I have no difficulty in finding that if this is so, indeed arguably if it is not so, the respondent is obliged to return every trailer to the applicant, but that is not what applicant came to Court to procure. The draft order, which is attached to the notice of motion, in essence provides that respondent be interdicted and restrained from impounding applicant's trailers pending the establishment or implementation by respondent, as the case may be, of the relevant designated sites and the relevant trailer registration system, as envisaged in Schedule 15 of By-Law 10518: In other words the relief being sought is in effect that the applicant be entitled to employ his trailers, pursuant to his business operation in an unrestricted fashion, arguably until 11 January 2010 in terms of the Rule Nisi which is prayed for on these papers. The opposing affidavit, deposed to by Ms Evans, Chief Environmental Control Officer of the respondent, makes it perfectly clear that applicant has never applied for permission to utilise these trailers in the fashions indicated above.
Ms Evans informs the Court "the City has previously approved transit advertising although applications of this nature are extremely rare in my experience." To the argument that there is no basis by which to procure permission for such trailers to be located in the City Ms Evans avers as follows:
"The registration of trailers as mobile transit advertising trailers will only take place when an application for approval is processed by the City. In this regard I refer to what I said above."
In other words, the argument on behalf of respondent is that, whilst there may be no designated site for the display of transit signs, there is a discretion given to the City to consider an application for approval of transit signs and accordingly to decide whether they should be employed or not.
Respondent makes clear that the remedy which applicant "has steadfastly refused to deal with is of course to make application for approval for the signs in question prior to its display." Ms Carter, who appeared on behalf of the applicant, contends that respondent has placed such obstacles in the way of the applicant that no point would be served in making such an application. As I have already indicated, from the answering affidavit respondent indicates that he will consider such an application.
What this Court cannot do, which is in effect what it is being asked to do, is to ignore any restrictions on such transit advertising, to ignore the by-laws of the City and to simply permit the applicant to use its trailer advertising as it so deems fit, notwithstanding the clear violation of the relevant by-law.

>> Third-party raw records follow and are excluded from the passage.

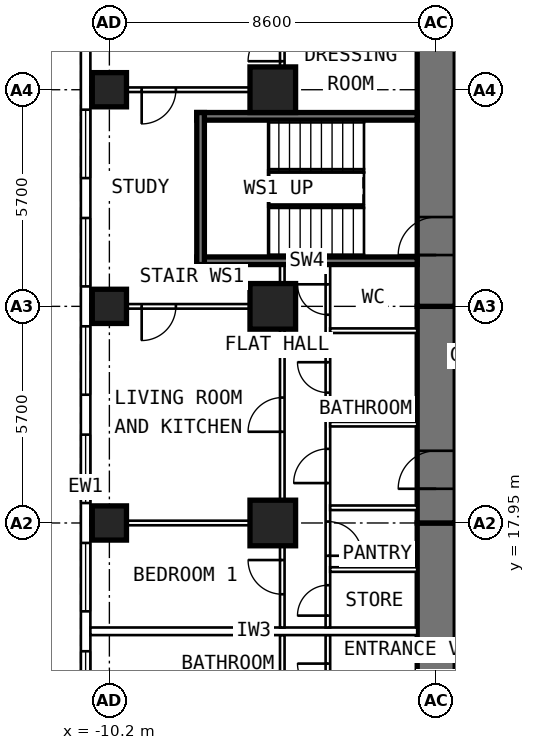
"""IFC4 building model, lengths in metres.
Left out: names, types, materials, properties, quantities, classifications, styles, units other than length and angle.
Written with IfcOpenShell. Run it as: python <this file> out.ifc"""

import sys

from ifc_helpers import new_model, si_unit, direction, frame, frame_2d, origin, origin_2d, place, context, subcontext, project, spatial, rectangle, extrude, element, fill, save


model = new_model("IFC4")
c1 = context("Model", 3, precision=1e-05, world=origin(), true_north=direction((0.0, 1.0)))
c2 = subcontext(c1, "Body", "Model", "MODEL_VIEW")
j1 = project(units=[si_unit("LENGTHUNIT", "METRE"), si_unit("PLANEANGLEUNIT", "RADIAN")], contexts=[c1])
p1 = place(None, origin())
s1 = spatial("IfcSite", under=j1, at=p1, CompositionType="ELEMENT")
p2 = place(p1, origin())
s2 = spatial("IfcBuilding", under=s1, at=p2, CompositionType="ELEMENT")
p3 = place(p2, frame((0.0, 0.0, 98.8)))
s3 = spatial("IfcBuildingStorey", under=s2, at=p3, CompositionType="ELEMENT", Elevation=98.8)
for number, where, z_axis, x_axis in (
    (1, (-10.2, 17.95, 0.0), (0.0, 0.0, 1.0), (0.0, 1.0, 0.0)),
    (2, (-10.2, 23.65, 0.0), (0.0, 0.0, 1.0), (0.0, 1.0, 0.0)),
    (3, (-10.2, 29.35, 0.0), (0.0, 0.0, 1.0), (0.0, 1.0, 0.0)),
):
    element("IfcColumn", number, at=place(p3, frame(where, z_axis=z_axis, x_axis=x_axis)), inside=s3, PredefinedType="COLUMN", context=c2, shape_type="SweptSolid", body=[
        extrude(rectangle(XDim=0.9, YDim=0.9, at=origin_2d()), origin(), (0.0, 0.0, 1.0), 3.6),
    ])
for number, where, z_axis, x_axis in (
    (4, (-5.9, 17.95, 0.0), (0.0, 0.0, 1.0), (0.0, 1.0, 0.0)),
    (5, (-5.9, 23.65, 0.0), (0.0, 0.0, 1.0), (0.0, 1.0, 0.0)),
    (6, (-5.9, 29.35, 0.0), (0.0, 0.0, 1.0), (0.0, 1.0, 0.0)),
):
    element("IfcColumn", number, at=place(p3, frame(where, z_axis=z_axis, x_axis=x_axis)), inside=s3, PredefinedType="COLUMN", context=c2, shape_type="SweptSolid", body=[
        extrude(rectangle(XDim=1.2, YDim=1.2, at=origin_2d()), origin(), (0.0, 0.0, 1.0), 3.6),
    ])
p4 = place(p3, frame((-1.6, 9.6, 0.0), z_axis=(0.0, 0.0, 1.0), x_axis=(0.0, 1.0, 0.0)))
e7 = element("IfcWall", 7, at=p4, inside=s3, PredefinedType="SHEAR", context=c2, shape_type="SweptSolid", body=[
    extrude(rectangle(XDim=8.35, YDim=1.0, at=frame_2d((4.175, 0.0))), origin(), (0.0, 0.0, 1.0), 3.6),
])
p5 = place(p4, frame((1.3, 0.0, 0.0)))
e8 = element("IfcOpeningElement", 8, at=p5, cuts=e7, PredefinedType="OPENING", context=c2, shape_type="SweptSolid", body=[
    extrude(rectangle(XDim=1.0, YDim=2.1, at=frame_2d((0.5, 1.05))), frame((0.0, 0.512, 0.0), z_axis=(0.0, -1.0, 0.0), x_axis=(1.0, 0.0, 0.0)), (0.0, 0.0, 1.0), 1.024),
])
p6 = place(p3, frame((-1.6, 17.95, 0.0), z_axis=(0.0, 0.0, 1.0), x_axis=(0.0, 1.0, 0.0)))
e9 = element("IfcWall", 9, at=p6, inside=s3, PredefinedType="SHEAR", context=c2, shape_type="SweptSolid", body=[
    extrude(rectangle(XDim=5.7, YDim=1.0, at=frame_2d((2.85, 0.0))), origin(), (0.0, 0.0, 1.0), 3.6),
])
p7 = place(p6, frame((0.9, 0.0, 0.0)))
e10 = element("IfcOpeningElement", 10, at=p7, cuts=e9, PredefinedType="OPENING", context=c2, shape_type="SweptSolid", body=[
    extrude(rectangle(XDim=1.0, YDim=2.1, at=frame_2d((0.5, 1.05))), frame((0.0, 0.512, 0.0), z_axis=(0.0, -1.0, 0.0), x_axis=(1.0, 0.0, 0.0)), (0.0, 0.0, 1.0), 1.024),
])
p8 = place(p3, frame((-1.6, 23.65, 0.0), z_axis=(0.0, 0.0, 1.0), x_axis=(0.0, 1.0, 0.0)))
e11 = element("IfcWall", 11, at=p8, inside=s3, PredefinedType="SHEAR", context=c2, shape_type="SweptSolid", body=[
    extrude(rectangle(XDim=10.745, YDim=1.0, at=frame_2d((5.373, 0.0))), origin(), (0.0, 0.0, 1.0), 3.6),
])
p9 = place(p8, frame((1.35, 0.0, 0.0)))
e12 = element("IfcOpeningElement", 12, at=p9, cuts=e11, PredefinedType="OPENING", context=c2, shape_type="SweptSolid", body=[
    extrude(rectangle(XDim=1.0, YDim=2.1, at=frame_2d((0.5, 1.05))), frame((0.0, 0.512, 0.0), z_axis=(0.0, -1.0, 0.0), x_axis=(1.0, 0.0, 0.0)), (0.0, 0.0, 1.0), 1.024),
])
p10 = place(p3, frame((-10.825, 6.148, 0.0), z_axis=(0.0, 0.0, 1.0), x_axis=(0.0, 1.0, 0.0)))
e13 = element("IfcWall", 13, at=p10, inside=s3, PredefinedType="SOLIDWALL", context=c2, shape_type="SweptSolid", body=[
    extrude(rectangle(XDim=25.487, YDim=0.25, at=frame_2d((12.744, 0.0))), origin(), (0.0, 0.0, 1.0), 3.35),
])
p11 = place(p10, frame((0.927, 0.0, 0.8)))
e14 = element("IfcOpeningElement", 14, at=p11, cuts=e13, PredefinedType="OPENING", context=c2, shape_type="SweptSolid", body=[
    extrude(rectangle(XDim=1.8, YDim=1.8, at=frame_2d((0.9, 0.9))), frame((0.0, 0.137, 0.0), z_axis=(0.0, -1.0, 0.0), x_axis=(1.0, 0.0, 0.0)), (0.0, 0.0, 1.0), 0.274),
])
p12 = place(p10, frame((3.777, 0.0, 0.8)))
e15 = element("IfcOpeningElement", 15, at=p12, cuts=e13, PredefinedType="OPENING", context=c2, shape_type="SweptSolid", body=[
    extrude(rectangle(XDim=1.8, YDim=1.8, at=frame_2d((0.9, 0.9))), frame((0.0, 0.137, 0.0), z_axis=(0.0, -1.0, 0.0), x_axis=(1.0, 0.0, 0.0)), (0.0, 0.0, 1.0), 0.274),
])
p13 = place(p10, frame((6.627, 0.0, 0.8)))
e16 = element("IfcOpeningElement", 16, at=p13, cuts=e13, PredefinedType="OPENING", context=c2, shape_type="SweptSolid", body=[
    extrude(rectangle(XDim=1.8, YDim=1.8, at=frame_2d((0.9, 0.9))), frame((0.0, 0.137, 0.0), z_axis=(0.0, -1.0, 0.0), x_axis=(1.0, 0.0, 0.0)), (0.0, 0.0, 1.0), 0.274),
])
p14 = place(p10, frame((9.477, 0.0, 0.8)))
e17 = element("IfcOpeningElement", 17, at=p14, cuts=e13, PredefinedType="OPENING", context=c2, shape_type="SweptSolid", body=[
    extrude(rectangle(XDim=1.8, YDim=1.8, at=frame_2d((0.9, 0.9))), frame((0.0, 0.137, 0.0), z_axis=(0.0, -1.0, 0.0), x_axis=(1.0, 0.0, 0.0)), (0.0, 0.0, 1.0), 0.274),
])
p15 = place(p10, frame((12.327, 0.0, 0.8)))
e18 = element("IfcOpeningElement", 18, at=p15, cuts=e13, PredefinedType="OPENING", context=c2, shape_type="SweptSolid", body=[
    extrude(rectangle(XDim=1.8, YDim=1.8, at=frame_2d((0.9, 0.9))), frame((0.0, 0.137, 0.0), z_axis=(0.0, -1.0, 0.0), x_axis=(1.0, 0.0, 0.0)), (0.0, 0.0, 1.0), 0.274),
])
p16 = place(p10, frame((15.177, 0.0, 0.8)))
e19 = element("IfcOpeningElement", 19, at=p16, cuts=e13, PredefinedType="OPENING", context=c2, shape_type="SweptSolid", body=[
    extrude(rectangle(XDim=1.8, YDim=1.8, at=frame_2d((0.9, 0.9))), frame((0.0, 0.137, 0.0), z_axis=(0.0, -1.0, 0.0), x_axis=(1.0, 0.0, 0.0)), (0.0, 0.0, 1.0), 0.274),
])
p17 = place(p10, frame((18.027, 0.0, 0.8)))
e20 = element("IfcOpeningElement", 20, at=p17, cuts=e13, PredefinedType="OPENING", context=c2, shape_type="SweptSolid", body=[
    extrude(rectangle(XDim=1.8, YDim=1.8, at=frame_2d((0.9, 0.9))), frame((0.0, 0.137, 0.0), z_axis=(0.0, -1.0, 0.0), x_axis=(1.0, 0.0, 0.0)), (0.0, 0.0, 1.0), 0.274),
])
p18 = place(p10, frame((20.877, 0.0, 0.8)))
e21 = element("IfcOpeningElement", 21, at=p18, cuts=e13, PredefinedType="OPENING", context=c2, shape_type="SweptSolid", body=[
    extrude(rectangle(XDim=1.8, YDim=1.8, at=frame_2d((0.9, 0.9))), frame((0.0, 0.137, 0.0), z_axis=(0.0, -1.0, 0.0), x_axis=(1.0, 0.0, 0.0)), (0.0, 0.0, 1.0), 0.274),
])
p19 = place(p3, frame((-4.45, 10.1, 0.0), z_axis=(0.0, 0.0, 1.0), x_axis=(0.0, 1.0, 0.0)))
e22 = element("IfcWall", 22, at=p19, inside=s3, PredefinedType="PARTITIONING", context=c2, shape_type="SweptSolid", body=[
    extrude(rectangle(XDim=4.9, YDim=0.12, at=frame_2d((2.45, 0.0))), origin(), (0.0, 0.0, 1.0), 3.35),
])
p20 = place(p19, frame((0.75, 0.0, 0.0)))
e23 = element("IfcOpeningElement", 23, at=p20, cuts=e22, PredefinedType="OPENING", context=c2, shape_type="SweptSolid", body=[
    extrude(rectangle(XDim=0.9, YDim=2.1, at=frame_2d((0.45, 1.05))), frame((0.0, 0.072, 0.0), z_axis=(0.0, -1.0, 0.0), x_axis=(1.0, 0.0, 0.0)), (0.0, 0.0, 1.0), 0.144),
])
p21 = place(p19, frame((3.35, 0.0, 0.0)))
e24 = element("IfcOpeningElement", 24, at=p21, cuts=e22, PredefinedType="OPENING", context=c2, shape_type="SweptSolid", body=[
    extrude(rectangle(XDim=0.8, YDim=2.1, at=frame_2d((0.4, 1.05))), frame((0.0, 0.072, 0.0), z_axis=(0.0, -1.0, 0.0), x_axis=(1.0, 0.0, 0.0)), (0.0, 0.0, 1.0), 0.144),
])
p22 = place(p3, frame((-5.65, 9.6, 0.0), z_axis=(0.0, 0.0, 1.0), x_axis=(0.0, 1.0, 0.0)))
e25 = element("IfcWall", 25, at=p22, inside=s3, PredefinedType="PARTITIONING", context=c2, shape_type="SweptSolid", body=[
    extrude(rectangle(XDim=5.4, YDim=0.12, at=frame_2d((2.7, 0.0))), origin(), (0.0, 0.0, 1.0), 3.35),
])
p23 = place(p22, frame((3.4, 0.0, 0.0)))
e26 = element("IfcOpeningElement", 26, at=p23, cuts=e25, PredefinedType="OPENING", context=c2, shape_type="SweptSolid", body=[
    extrude(rectangle(XDim=0.9, YDim=2.1, at=frame_2d((0.45, 1.05))), frame((0.0, 0.072, 0.0), z_axis=(0.0, -1.0, 0.0), x_axis=(1.0, 0.0, 0.0)), (0.0, 0.0, 1.0), 0.144),
])
p24 = place(p3, frame((-4.45, 15.2, 0.0), z_axis=(0.0, 0.0, 1.0), x_axis=(0.0, 1.0, 0.0)))
e27 = element("IfcWall", 27, at=p24, inside=s3, PredefinedType="PARTITIONING", context=c2, shape_type="SweptSolid", body=[
    extrude(rectangle(XDim=9.55, YDim=0.12, at=frame_2d((4.775, 0.0))), origin(), (0.0, 0.0, 1.0), 3.35),
])
p25 = place(p24, frame((0.312, 0.0, 0.0)))
e28 = element("IfcOpeningElement", 28, at=p25, cuts=e27, PredefinedType="OPENING", context=c2, shape_type="SweptSolid", body=[
    extrude(rectangle(XDim=0.8, YDim=2.1, at=frame_2d((0.4, 1.05))), frame((0.0, 0.072, 0.0), z_axis=(0.0, -1.0, 0.0), x_axis=(1.0, 0.0, 0.0)), (0.0, 0.0, 1.0), 0.144),
])
p26 = place(p24, frame((1.887, 0.0, 0.0)))
e29 = element("IfcOpeningElement", 29, at=p26, cuts=e27, PredefinedType="OPENING", context=c2, shape_type="SweptSolid", body=[
    extrude(rectangle(XDim=0.9, YDim=2.1, at=frame_2d((0.45, 1.05))), frame((0.0, 0.072, 0.0), z_axis=(0.0, -1.0, 0.0), x_axis=(1.0, 0.0, 0.0)), (0.0, 0.0, 1.0), 0.144),
])
p27 = place(p24, frame((3.8, 0.0, 0.0)))
e30 = element("IfcOpeningElement", 30, at=p27, cuts=e27, PredefinedType="OPENING", context=c2, shape_type="SweptSolid", body=[
    extrude(rectangle(XDim=0.9, YDim=2.1, at=frame_2d((0.45, 1.05))), frame((0.0, 0.072, 0.0), z_axis=(0.0, -1.0, 0.0), x_axis=(1.0, 0.0, 0.0)), (0.0, 0.0, 1.0), 0.144),
])
p28 = place(p24, frame((6.18, 0.0, 0.0)))
e31 = element("IfcOpeningElement", 31, at=p28, cuts=e27, PredefinedType="OPENING", context=c2, shape_type="SweptSolid", body=[
    extrude(rectangle(XDim=0.8, YDim=2.1, at=frame_2d((0.4, 1.05))), frame((0.0, 0.072, 0.0), z_axis=(0.0, -1.0, 0.0), x_axis=(1.0, 0.0, 0.0)), (0.0, 0.0, 1.0), 0.144),
])
p29 = place(p24, frame((8.23, 0.0, 0.0)))
e32 = element("IfcOpeningElement", 32, at=p29, cuts=e27, PredefinedType="OPENING", context=c2, shape_type="SweptSolid", body=[
    extrude(rectangle(XDim=0.8, YDim=2.1, at=frame_2d((0.4, 1.05))), frame((0.0, 0.072, 0.0), z_axis=(0.0, -1.0, 0.0), x_axis=(1.0, 0.0, 0.0)), (0.0, 0.0, 1.0), 0.144),
])
p30 = place(p3, frame((-5.65, 15.2, 0.0), z_axis=(0.0, 0.0, 1.0), x_axis=(0.0, 1.0, 0.0)))
e33 = element("IfcWall", 33, at=p30, inside=s3, PredefinedType="PARTITIONING", context=c2, shape_type="SweptSolid", body=[
    extrude(rectangle(XDim=9.55, YDim=0.12, at=frame_2d((4.775, 0.0))), origin(), (0.0, 0.0, 1.0), 3.35),
])
p31 = place(p30, frame((0.875, 0.0, 0.0)))
e34 = element("IfcOpeningElement", 34, at=p31, cuts=e33, PredefinedType="OPENING", context=c2, shape_type="SweptSolid", body=[
    extrude(rectangle(XDim=0.9, YDim=2.1, at=frame_2d((0.45, 1.05))), frame((0.0, 0.072, 0.0), z_axis=(0.0, -1.0, 0.0), x_axis=(1.0, 0.0, 0.0)), (0.0, 0.0, 1.0), 0.144),
])
p32 = place(p30, frame((5.15, 0.0, 0.0)))
e35 = element("IfcOpeningElement", 35, at=p32, cuts=e33, PredefinedType="OPENING", context=c2, shape_type="SweptSolid", body=[
    extrude(rectangle(XDim=0.9, YDim=2.1, at=frame_2d((0.45, 1.05))), frame((0.0, 0.072, 0.0), z_axis=(0.0, -1.0, 0.0), x_axis=(1.0, 0.0, 0.0)), (0.0, 0.0, 1.0), 0.144),
])
p33 = place(p3, frame((-5.71, 17.95, 0.0), z_axis=(0.0, 0.0, 1.0), x_axis=(-1.0, 0.0, 0.0)))
e36 = element("IfcWall", 36, at=p33, inside=s3, PredefinedType="PARTITIONING", context=c2, shape_type="SweptSolid", body=[
    extrude(rectangle(XDim=4.99, YDim=0.12, at=frame_2d((2.495, 0.0))), origin(), (0.0, 0.0, 1.0), 2.45),
])
for number, where, z_axis, x_axis in (
    (37, (-2.1, 16.725, 0.0), (0.0, 0.0, 1.0), (-1.0, 0.0, 0.0)),
    (38, (-2.1, 18.35, 0.0), (0.0, 0.0, 1.0), (-1.0, 0.0, 0.0)),
    (39, (-2.1, 20.55, 0.0), (0.0, 0.0, 1.0), (-1.0, 0.0, 0.0)),
    (40, (-2.1, 23.01, 0.0), (0.0, 0.0, 1.0), (-1.0, 0.0, 0.0)),
):
    element("IfcWall", number, at=place(p3, frame(where, z_axis=z_axis, x_axis=x_axis)), inside=s3, PredefinedType="PARTITIONING", context=c2, shape_type="SweptSolid", body=[
        extrude(rectangle(XDim=2.29, YDim=0.12, at=frame_2d((1.145, 0.0))), origin(), (0.0, 0.0, 1.0), 3.35),
    ])
p34 = place(p3, frame((-2.1, 15.1, 0.0), z_axis=(0.0, 0.0, 1.0), x_axis=(-1.0, 0.0, 0.0)))
e41 = element("IfcWall", 41, at=p34, inside=s3, PredefinedType="PARTITIONING", context=c2, shape_type="SweptSolid", body=[
    extrude(rectangle(XDim=8.6, YDim=0.2, at=frame_2d((4.3, 0.0))), origin(), (0.0, 0.0, 1.0), 3.35),
])
p35 = place(p3, frame((-5.71, 23.65, 0.0), z_axis=(0.0, 0.0, 1.0), x_axis=(-1.0, 0.0, 0.0)))
e42 = element("IfcWall", 42, at=p35, inside=s3, PredefinedType="PARTITIONING", context=c2, shape_type="SweptSolid", body=[
    extrude(rectangle(XDim=4.99, YDim=0.12, at=frame_2d((2.495, 0.0))), origin(), (0.0, 0.0, 1.0), 2.45),
])
p36 = place(p35, frame((2.74, 0.0, 0.0)))
e43 = element("IfcOpeningElement", 43, at=p36, cuts=e42, PredefinedType="OPENING", context=c2, shape_type="SweptSolid", body=[
    extrude(rectangle(XDim=0.9, YDim=2.1, at=frame_2d((0.45, 1.05))), frame((0.0, 0.072, 0.0), z_axis=(0.0, -1.0, 0.0), x_axis=(1.0, 0.0, 0.0)), (0.0, 0.0, 1.0), 0.144),
])
p37 = place(p3, frame((-5.71, 29.35, 0.0), z_axis=(0.0, 0.0, 1.0), x_axis=(-1.0, 0.0, 0.0)))
e44 = element("IfcWall", 44, at=p37, inside=s3, PredefinedType="PARTITIONING", context=c2, shape_type="SweptSolid", body=[
    extrude(rectangle(XDim=4.99, YDim=0.12, at=frame_2d((2.495, 0.0))), origin(), (0.0, 0.0, 1.0), 2.45),
])
p38 = place(p37, frame((2.74, 0.0, 0.0)))
e45 = element("IfcOpeningElement", 45, at=p38, cuts=e44, PredefinedType="OPENING", context=c2, shape_type="SweptSolid", body=[
    extrude(rectangle(XDim=0.9, YDim=2.1, at=frame_2d((0.45, 1.05))), frame((0.0, 0.072, 0.0), z_axis=(0.0, -1.0, 0.0), x_axis=(1.0, 0.0, 0.0)), (0.0, 0.0, 1.0), 0.144),
])
p39 = place(p3, frame((-5.65, 28.95, 0.0), z_axis=(0.0, 0.0, 1.0), x_axis=(0.0, 1.0, 0.0)))
e46 = element("IfcWall", 46, at=p39, inside=s3, PredefinedType="PARTITIONING", context=c2, shape_type="SweptSolid", body=[
    extrude(rectangle(XDim=5.445, YDim=0.12, at=frame_2d((2.723, 0.0))), origin(), (0.0, 0.0, 1.0), 3.35),
])
p40 = place(p39, frame((1.15, 0.0, 0.0)))
e47 = element("IfcOpeningElement", 47, at=p40, cuts=e46, PredefinedType="OPENING", context=c2, shape_type="SweptSolid", body=[
    extrude(rectangle(XDim=0.9, YDim=2.1, at=frame_2d((0.45, 1.05))), frame((0.0, 0.072, 0.0), z_axis=(0.0, -1.0, 0.0), x_axis=(1.0, 0.0, 0.0)), (0.0, 0.0, 1.0), 0.144),
])
for number, where, z_axis, x_axis in (
    (48, (-2.1, 24.85, 0.0), (0.0, 0.0, 1.0), (-1.0, 0.0, 0.0)),
    (49, (-2.1, 28.65, 0.0), (0.0, 0.0, 1.0), (-1.0, 0.0, 0.0)),
):
    element("IfcWall", number, at=place(p3, frame(where, z_axis=z_axis, x_axis=x_axis)), inside=s3, PredefinedType="SHEAR", context=c2, shape_type="SweptSolid", body=[
        extrude(rectangle(XDim=5.8, YDim=0.2, at=frame_2d((2.9, 0.0))), origin(), (0.0, 0.0, 1.0), 3.33),
    ])
p41 = place(p3, frame((-7.8, 24.75, 0.0), z_axis=(0.0, 0.0, 1.0), x_axis=(0.0, 1.0, 0.0)))
e50 = element("IfcWall", 50, at=p41, inside=s3, PredefinedType="SHEAR", context=c2, shape_type="SweptSolid", body=[
    extrude(rectangle(XDim=4.0, YDim=0.2, at=frame_2d((2.0, 0.0))), origin(), (0.0, 0.0, 1.0), 3.33),
])
p42 = place(p13, origin())
e51 = element("IfcWindow", 51, at=p42, inside=s3, PartitioningType="SINGLE_PANEL", PredefinedType="WINDOW", context=c2, shape_type="SweptSolid", body=[
    extrude(rectangle(XDim=1.8, YDim=1.8, at=frame_2d((0.9, 0.9))), frame((0.0, 0.03, 0.0), z_axis=(0.0, -1.0, 0.0), x_axis=(1.0, 0.0, 0.0)), (0.0, 0.0, 1.0), 0.06),
])
fill(e16, e51)
p43 = place(p14, origin())
e52 = element("IfcWindow", 52, at=p43, inside=s3, PartitioningType="SINGLE_PANEL", PredefinedType="WINDOW", context=c2, shape_type="SweptSolid", body=[
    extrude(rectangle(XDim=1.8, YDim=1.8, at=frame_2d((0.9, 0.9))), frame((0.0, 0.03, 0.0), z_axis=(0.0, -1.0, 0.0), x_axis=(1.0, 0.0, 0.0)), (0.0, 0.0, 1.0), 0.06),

That clearly cannot be countenanced by a Court in these circumstances.
Accordingly save for an order which would compel the respondents to return the relevant trailers to applicant, the balance of the relief cannot be granted. The reason for this is clear; were it to be granted this Court would be countenancing advertising in breach of a law and that law is not the subject of this application. That is if the applicant wishes to set aside the by-law then that must be the subject matter of entirely different proceedings.
Furthermore it appears to me that there is no further merit in any of these particular arguments and accordingly, save for the caveat with regard to the return of the impounded trailers the APPLICATION IS DISMISSED.
In light of the fact that the relief for which the applicant has come to Court cannot be granted, costs are awarded to respondent.